Una inmobiliaria con treinta contratos vigentes tiene treinta vencimientos mensuales escalonados, treinta actualizaciones anuales que caen en distintos meses, treinta expensas que cambian todos los meses, varios servicios cargados a cada unidad y la rendición correspondiente al propietario. Si todo eso vive en planillas Excel, el riesgo es enorme: se actualiza con índice viejo, se factura el monto incorrecto, se olvida una expensa, no se cobra a tiempo o se le rinde mal al propietario.
El sector clásicamente trabajó con planillas y eso funcionaba con cinco contratos. Con treinta o cien, se rompe. Y los costos de cada error son tangibles: un alquiler facturado mal genera reclamos del inquilino, uno actualizado mal genera juicio del propietario, un cobro perdido es un mes de alquiler que se evapora, una expensa no facturada es plata que la inmobiliaria pone de su bolsillo.

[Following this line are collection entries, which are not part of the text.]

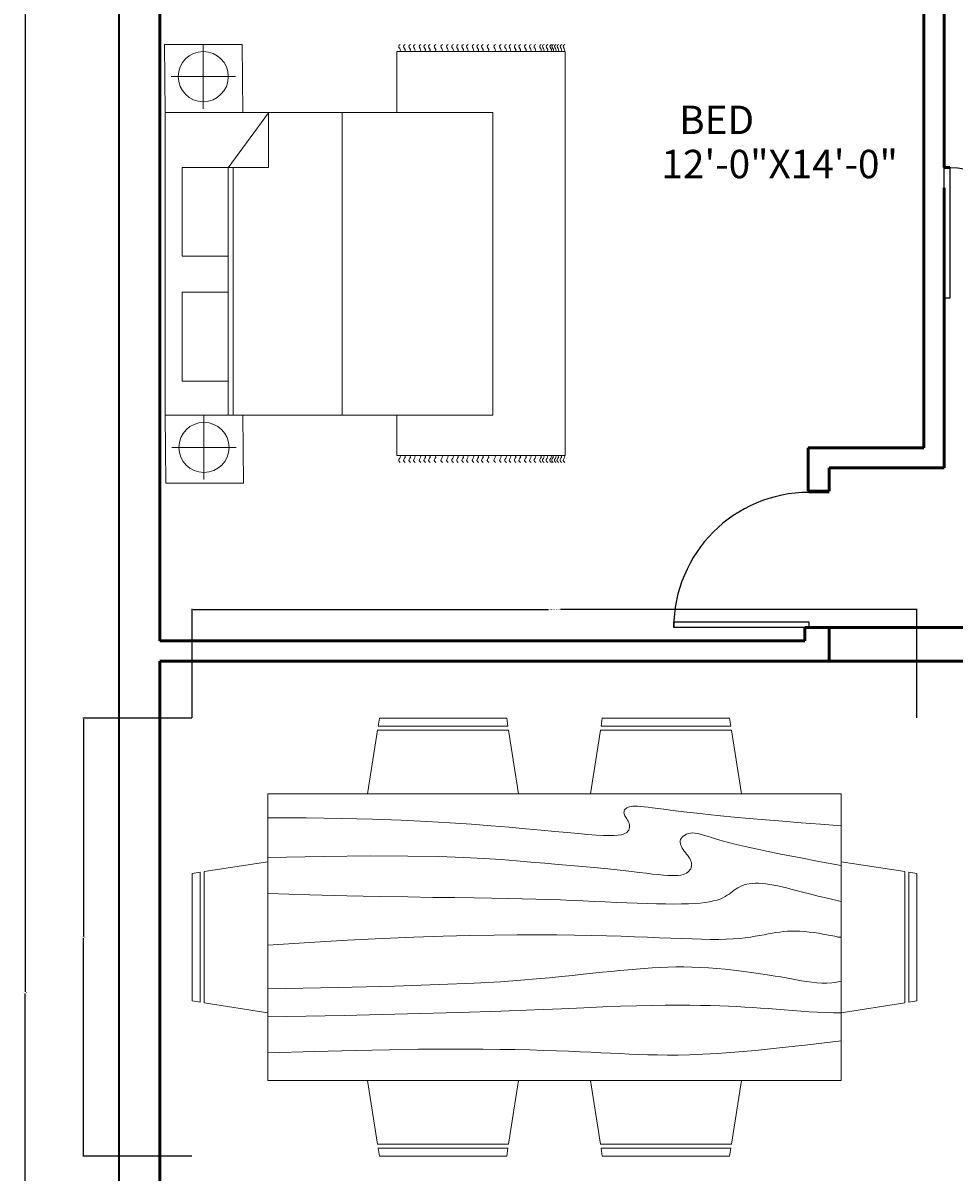
# Model space of a CAD drawing. Units: inches. Extents: x -44 to 461, y -6 to 860.
# Tile 2 of 7: x -23 to 184, y 387 to 642. Entities that reach past the tile are written whole.
import ezdxf

# ---------------------------------------------------------------- set-up
doc = ezdxf.new("R2010")
doc.units = ezdxf.units.IN
doc.header["$MEASUREMENT"] = 0
for name, color, linetype, lineweight in [('A-ANNO-DIMS', 2, 'Continuous', 18), ('A-AREA-IDEN', 7, 'Continuous', 18), ('A-DOOR', 4, 'Continuous', 25), ('C-PROP', 7, 'Continuous', 35), ('furniture', 30, 'Continuous', 18), ('walls', 8, 'Continuous', 50)]:
    doc.layers.add(name, color=color, linetype=linetype, lineweight=lineweight)
doc.styles.get("Standard").update_dxf_attribs({"font": 'arial.ttf'})
doc.dimstyles.get("Standard").update_dxf_attribs({"dimtxt": 0.18, "dimasz": 0.18, "dimexe": 0.18, "dimexo": 0.0625, "dimgap": 0.09, "dimtad": 0, "dimtih": 1, "dimtoh": 1, "dimdec": 4, "dimzin": 0, "dimdsep": 46, "dimtxsty": 'Standard', "dimcen": 0.09, "dimadec": 0, "dimazin": 0, "dimtfac": 1, "dimtdec": 4, "dimtofl": 0, "dimtmove": 0, "dimatfit": 3, "dimfxl": 1, "dimtolj": 1, "dimtzin": 0, "dimarcsym": 0})

# ---------------------------------------------------------------- blocks, each defined once
blk = doc.blocks.new('Dining Set - 36 x 72 in.')
for p, q in [((-22, 27.5), (-22.1562, 26.50042)), ((-22, 27.5), (-6, 27.5)), ((-5.8437, 26.49966), (-6, 27.5)), ((6, 27.5), (5.8438, 26.50042)), ((6, 27.5), (22, 27.5)), ((22.1563, 26.49966), (22, 27.5)), ((-22.2343, 26.00059), (-23.4847, 17.99762)), ((-22.2304, 26), (-5.7608, 26)), ((-5.8416, 26.5), (-22.1534, 26.5)), ((-4.5152, 17.99762), (-5.7655, 25.99926)), ((5.7657, 26.00059), (4.5153, 17.99762)), ((5.7696, 26), (22.2392, 26)), ((22.1584, 26.5), (5.8466, 26.5)), ((23.4848, 17.99762), (22.2345, 25.99926)), ((36, 18), (-36, 18)), ((-36, 18), (-36, -18)), ((36, -18), (36, 18)), ((-44.0006, 8.23428), (-35.9976, 9.48474)), ((44.0006, 8.23428), (35.9976, 9.48474)), ((-45.5, 8), (-44.5004, 8.15617)), ((-45.5, 8), (-45.5, -8)), ((-44.5, -8.15843), (-44.5, 8.15338)), ((-44, 8.23041), (-44, -8.23915)), ((44, 8.23041), (44, -8.23915)), ((44.5, -8.15843), (44.5, 8.15338)), ((45.5, 8), (44.5005, 8.15617)), ((45.5, 8), (45.5, -8)), ((-44.4997, -8.15631), (-45.5, -8)), ((-35.9976, -9.48476), (-43.9993, -8.2345)), ((35.9976, -9.48476), (43.9993, -8.2345)), ((44.4997, -8.15631), (45.5, -8)), ((-36, -18), (36, -18)), ((-22.2343, -26.0006), (-23.4847, -17.99762)), ((-4.5152, -17.99762), (-5.7655, -25.99928)), ((5.7657, -26.0006), (4.5153, -17.99762)), ((23.4848, -17.99762), (22.2345, -25.99928)), ((-22.2304, -26), (-5.7608, -26)), ((-22, -27.5), (-22.1562, -26.50044)), ((-5.8416, -26.5), (-22.1534, -26.5)), ((-5.8437, -26.49967), (-6, -27.5)), ((5.7696, -26), (22.2392, -26)), ((6, -27.5), (5.8438, -26.50044)), ((22.1584, -26.5), (5.8466, -26.5)), ((22.1563, -26.49967), (22, -27.5)), ((-22, -27.5), (-6, -27.5)), ((6, -27.5), (22, -27.5))]:
    blk.add_line(p, q)
for points in [[(-36, 15), (-31.1772, 14.97754), (-26.8079, 14.91406), (-22.8538, 14.81543), (-19.276, 14.6875), (-16.0362, 14.53613), (-13.0957, 14.36718), (-10.4159, 14.18652), (-7.9583, 14), (-5.6904, 13.81315), (-3.6035, 13.63021), (-1.6954, 13.45508), (0.0365, 13.29166), (1.5945, 13.14388), (2.9811, 13.01562), (4.1988, 12.9108), (5.25, 12.83333), (6.1393, 12.78613), (6.8802, 12.76823), (7.4883, 12.77767), (7.9792, 12.8125), (8.3685, 12.87077), (8.6719, 12.95052), (8.9049, 13.0498), (9.0833, 13.16666), (9.2205, 13.29899), (9.3216, 13.44401), (9.3895, 13.59879), (9.4271, 13.76041), (9.4373, 13.92594), (9.4232, 14.09245), (9.3875, 14.257), (9.3333, 14.41666), (9.2638, 14.56917), (9.1836, 14.71484), (9.0975, 14.85465), (9.0104, 14.98958), (8.9272, 15.1206), (8.8529, 15.2487), (8.7922, 15.37483), (8.75, 15.5), (8.7305, 15.62467), (8.7344, 15.74739), (8.7617, 15.86621), (8.8125, 15.97916), (8.8867, 16.08431), (8.9844, 16.17968), (9.1055, 16.26334), (9.25, 16.33333), (9.4189, 16.38802), (9.6172, 16.42708), (9.8506, 16.45052), (10.125, 16.45833), (10.4463, 16.45052), (10.8203, 16.42708), (11.2529, 16.38802), (11.75, 16.33333), (12.3184, 16.26318), (12.9694, 16.17838), (13.7151, 16.07991), (14.5677, 15.96875), (15.5395, 15.84586), (16.6426, 15.71224), (17.8893, 15.56884), (19.2917, 15.41666), (20.859, 15.25667), (22.5879, 15.08984), (24.4721, 14.91715), (26.5052, 14.73958), (28.6809, 14.5581), (30.9929, 14.3737), (33.4347, 14.18733), (36, 14)], [(-36, 10), (-28.9766, 10.14274), (-23.1725, 10.20442), (-18.4241, 10.19775), (-14.5677, 10.13541), (-11.4399, 10.03011), (-8.877, 9.89453), (-6.7154, 9.74137), (-4.7917, 9.58333), (-2.9698, 9.43082), (-1.2246, 9.28515), (0.4415, 9.14534), (2.026, 9.01041), (3.5266, 8.87939), (4.9408, 8.7513), (6.266, 8.62516), (7.5, 8.5), (8.6411, 8.37549), (9.6914, 8.2539), (10.6538, 8.13818), (11.5312, 8.03125), (12.3267, 7.93603), (13.043, 7.85547), (13.6831, 7.79248), (14.25, 7.75), (14.7471, 7.7303), (15.1797, 7.73307), (15.5537, 7.75732), (15.875, 7.80208), (16.1494, 7.86637), (16.3828, 7.94922), (16.5811, 8.04964), (16.75, 8.16666), (16.8944, 8.29915), (17.0143, 8.44531), (17.1089, 8.60319), (17.1771, 8.77083), (17.218, 8.94629), (17.2305, 9.1276), (17.2137, 9.31282), (17.1667, 9.5), (17.0895, 9.6875), (16.987, 9.875), (16.8649, 10.0625), (16.7292, 10.25), (16.5856, 10.4375), (16.4401, 10.625), (16.2985, 10.8125), (16.1667, 11), (16.05, 11.18733), (15.9518, 11.3737), (15.8752, 11.5581), (15.8229, 11.73958), (15.798, 11.91715), (15.8034, 12.08984), (15.842, 12.25667), (15.9167, 12.41666), (16.0295, 12.56836), (16.1784, 12.70833), (16.3605, 12.83268), (16.5729, 12.9375), (16.8127, 13.01888), (17.0768, 13.07291), (17.3625, 13.0957), (17.6667, 13.08333), (17.9894, 13.03312), (18.3418, 12.94726), (18.7382, 12.82918), (19.1927, 12.68229), (19.7195, 12.51001), (20.3327, 12.31575), (21.0465, 12.10294), (21.875, 11.875), (22.8357, 11.63354), (23.959, 11.37304), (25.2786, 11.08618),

Un sistema dedicado a la gestión inmobiliaria centraliza todo: la propiedad, el contrato vigente, el inquilino, el propietario, las expensas mensuales, los servicios pagados por la inmobiliaria, la actualización por índice, la facturación al inquilino, la liquidación al propietario y la comisión cobrada. Una sola fuente de verdad.
El rubro tiene tres particularidades que hay que entender antes de elegir herramienta.
Primero, el flujo de plata es triangular: el inquilino paga a la inmobiliaria, la inmobiliaria descuenta gastos y comisión, y le rinde el neto al propietario. Un sistema de facturación normal asume relación bilateral; uno de gestión inmobiliaria asume que la inmobiliaria está en el medio.
Segundo, los conceptos pasantes complican la facturación: las expensas que cobrás al inquilino las depositás al consorcio, no son ingreso propio. El ABL idem. Solo el alquiler propiamente dicho y la comisión son ingreso. Mezclarlos contablemente arruina la liquidación de impuestos.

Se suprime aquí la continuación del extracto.